ビタミンB群で皮膚に関与するのは下記のビタミンです。
- ビタミンB2:皮膚や粘膜の健康を維持し、肌荒れやニキビの改善に効果があります。
- ビタミンB5(パントテン酸):パンテノールとう言葉を聞いたことがあると思いますが、美容においては様々な効果が期待できる栄養素です。肌の保湿を促進し、ターンオーバーを正常化することで、肌荒れやニキビの改善、シミ・シワ予防に役立ちます。また、毛髪の健康維持にも貢献し、髪の成長促進や耐久性向上、脱毛・枝毛の抑制など美容効果が期待できます。
- ビタミンB6:タンパク質の代謝を助け、肌のターンオーバーを促進します。
- 葉酸:赤血球の生成を助け、健康な肌を維持します。
- ビオチン:皮膚や髪の健康を保ち、ツヤのある髪や強い爪をサポートします。
◯ビタミンK
ビタミンKは、肌のバリア機能を高め、ダメージを受けた肌の修復をサポートする効果が期待できます。

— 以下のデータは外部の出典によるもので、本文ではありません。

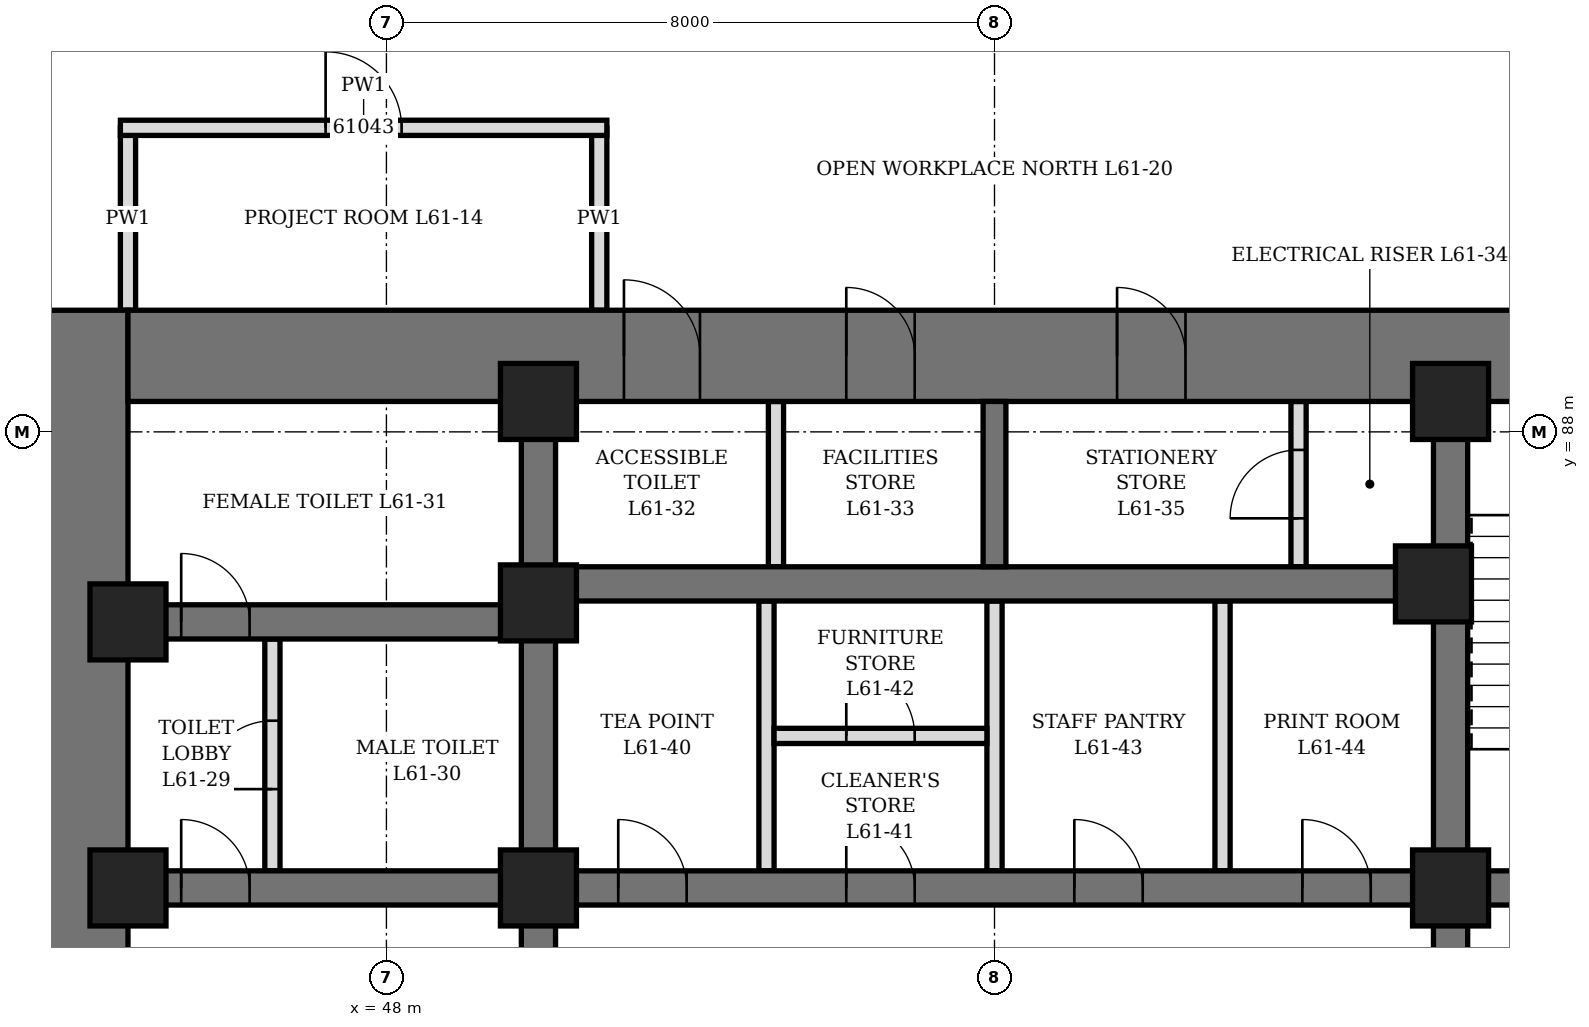
"""IFC4 building model, lengths in metres.
Left out: names, types, materials, properties, quantities, classifications, styles, units other than length and angle.
Written with IfcOpenShell. Run it as: python <this file> out.ifc"""

import sys

from ifc_helpers import new_model, si_unit, direction, frame, frame_2d, origin, origin_2d, place, context, subcontext, project, spatial, rectangle, hollow_rectangle, extrude, element, fill, save


model = new_model("IFC4")
c1 = context("Model", 3, precision=1e-05, world=origin(), true_north=direction((0.0, 1.0)))
c2 = subcontext(c1, "Body", "Model", "MODEL_VIEW")
j1 = project(units=[si_unit("LENGTHUNIT", "METRE"), si_unit("PLANEANGLEUNIT", "RADIAN")], contexts=[c1])
p1 = place(None, origin())
s1 = spatial("IfcSite", under=j1, at=p1, CompositionType="ELEMENT")
p2 = place(p1, origin())
s2 = spatial("IfcBuilding", under=s1, at=p2, CompositionType="ELEMENT")
p3 = place(p2, frame((0.0, 0.0, 271.3)))
s3 = spatial("IfcBuildingStorey", under=s2, at=p3, CompositionType="ELEMENT", Elevation=271.3)
p4 = place(p3, frame((44.0, 70.4, 0.0), z_axis=(0.0, 0.0, 1.0), x_axis=(0.0, 1.0, 0.0)))
e1 = element("IfcWall", 1, at=p4, inside=s3, PredefinedType="SHEAR", context=c2, shape_type="SweptSolid", body=[
    extrude(rectangle(XDim=19.2, YDim=1.2, at=frame_2d((9.6, 0.0))), origin(), (0.0, 0.0, 1.0), 4.2),
])
p5 = place(p4, frame((8.6, 0.0, 0.0)))
e2 = element("IfcOpeningElement", 2, at=p5, cuts=e1, PredefinedType="OPENING", context=c2, shape_type="SweptSolid", body=[
    extrude(rectangle(XDim=2.0, YDim=2.4, at=frame_2d((1.0, 1.2))), frame((0.0, 0.61, 0.0), z_axis=(0.0, -1.0, 0.0), x_axis=(1.0, 0.0, 0.0)), (0.0, 0.0, 1.0), 1.22),
])
p6 = place(p3, frame((44.6, 89.0, 0.0), z_axis=(0.0, 0.0, 1.0), x_axis=(1.0, 0.0, 0.0)))
e3 = element("IfcWall", 3, at=p6, inside=s3, PredefinedType="SHEAR", context=c2, shape_type="SweptSolid", body=[
    extrude(rectangle(XDim=22.8, YDim=1.2, at=frame_2d((11.4, 0.0))), origin(), (0.0, 0.0, 1.0), 4.2),
])
p7 = place(p6, frame((6.525, 0.0, 0.0)))
e4 = element("IfcOpeningElement", 4, at=p7, cuts=e3, PredefinedType="OPENING", context=c2, shape_type="SweptSolid", body=[
    extrude(rectangle(XDim=1.0, YDim=2.1, at=frame_2d((0.5, 1.05))), frame((0.0, 0.61, 0.0), z_axis=(0.0, -1.0, 0.0), x_axis=(1.0, 0.0, 0.0)), (0.0, 0.0, 1.0), 1.22),
])
p8 = place(p6, frame((9.45, 0.0, 0.0)))
e5 = element("IfcOpeningElement", 5, at=p8, cuts=e3, PredefinedType="OPENING", context=c2, shape_type="SweptSolid", body=[
    extrude(rectangle(XDim=0.9, YDim=2.1, at=frame_2d((0.45, 1.05))), frame((0.0, 0.61, 0.0), z_axis=(0.0, -1.0, 0.0), x_axis=(1.0, 0.0, 0.0)), (0.0, 0.0, 1.0), 1.22),
])
p9 = place(p6, frame((13.012, 0.0, 0.0)))
e6 = element("IfcOpeningElement", 6, at=p9, cuts=e3, PredefinedType="OPENING", context=c2, shape_type="SweptSolid", body=[
    extrude(rectangle(XDim=0.9, YDim=2.1, at=frame_2d((0.45, 1.05))), frame((0.0, 0.61, 0.0), z_axis=(0.0, -1.0, 0.0), x_axis=(1.0, 0.0, 0.0)), (0.0, 0.0, 1.0), 1.22),
])
p10 = place(p3, frame((50.0, 71.6, 0.0), z_axis=(0.0, 0.0, 1.0), x_axis=(0.0, 1.0, 0.0)))
e7 = element("IfcWall", 7, at=p10, inside=s3, PredefinedType="SHEAR", context=c2, shape_type="SweptSolid", body=[
    extrude(rectangle(XDim=16.8, YDim=0.45, at=frame_2d((8.4, 0.0))), origin(), (0.0, 0.0, 1.0), 4.2),
])
p11 = place(p10, frame((7.5, 0.0, 0.0)))
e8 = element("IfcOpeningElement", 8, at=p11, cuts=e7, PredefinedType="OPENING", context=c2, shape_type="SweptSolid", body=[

次に善玉菌についてそれぞれ説明をします。代表的なものとしては『乳酸菌』や『ビフィズス菌』ですが、それぞれ違った特徴があります。
1.乳酸菌(レベニン®)
主に小腸にすみつき、炭水化物などの糖を消費して、「乳酸」をつくります。乳酸菌の種類は多種多様で、腸内にすむ細菌のバランスを整えることにより、健康に役立っています。
2.ビフィズス菌(レベニンS®)
赤ちゃんの『腸内フローラ』はビフィズス菌などの善玉菌がいっぱいです。成長するにつれて腸内は変化し、善玉菌と悪玉菌のバランスのとれた『腸内フローラ』になります。しかし、老年期に入るとビフィズス菌が減り、ウェルシュ菌、大腸菌などの悪玉菌が急激に増加し中にはビフィズス菌が1%しかないというケースもあります。このように腸内環境の変化は、老化や生活習慣病と関係していると考えられています。作り出された乳酸や酪酸には、悪玉菌の増殖を抑制し腸の運動を正常にして軟便や便秘などを改善する整腸作用があります。
3.酪酸菌(ビオスリー®)
酪酸菌は、腸内にある食物繊維を栄養として、発酵・分解を行い「酪酸」を作り出します。酪酸は短鎖脂肪酸の一種で、短鎖脂肪酸には、腸が健康でいるために、腸内を弱酸性に保ち、有害な菌が繁殖しないようにする効果があります。「酢酸」は、体内の余分な脂肪を蓄えている細胞「白色脂肪細胞」で作用します。白色脂肪細胞には酢酸を感知するセンサーがあり血液によって運ばれた酢酸をこのセンサーが感知すると、脂肪細胞に過剰なエネルギーが取り込まれるのをブロックし、脂肪の蓄積を抑制し、ダイエット効果の可能性が報告されています。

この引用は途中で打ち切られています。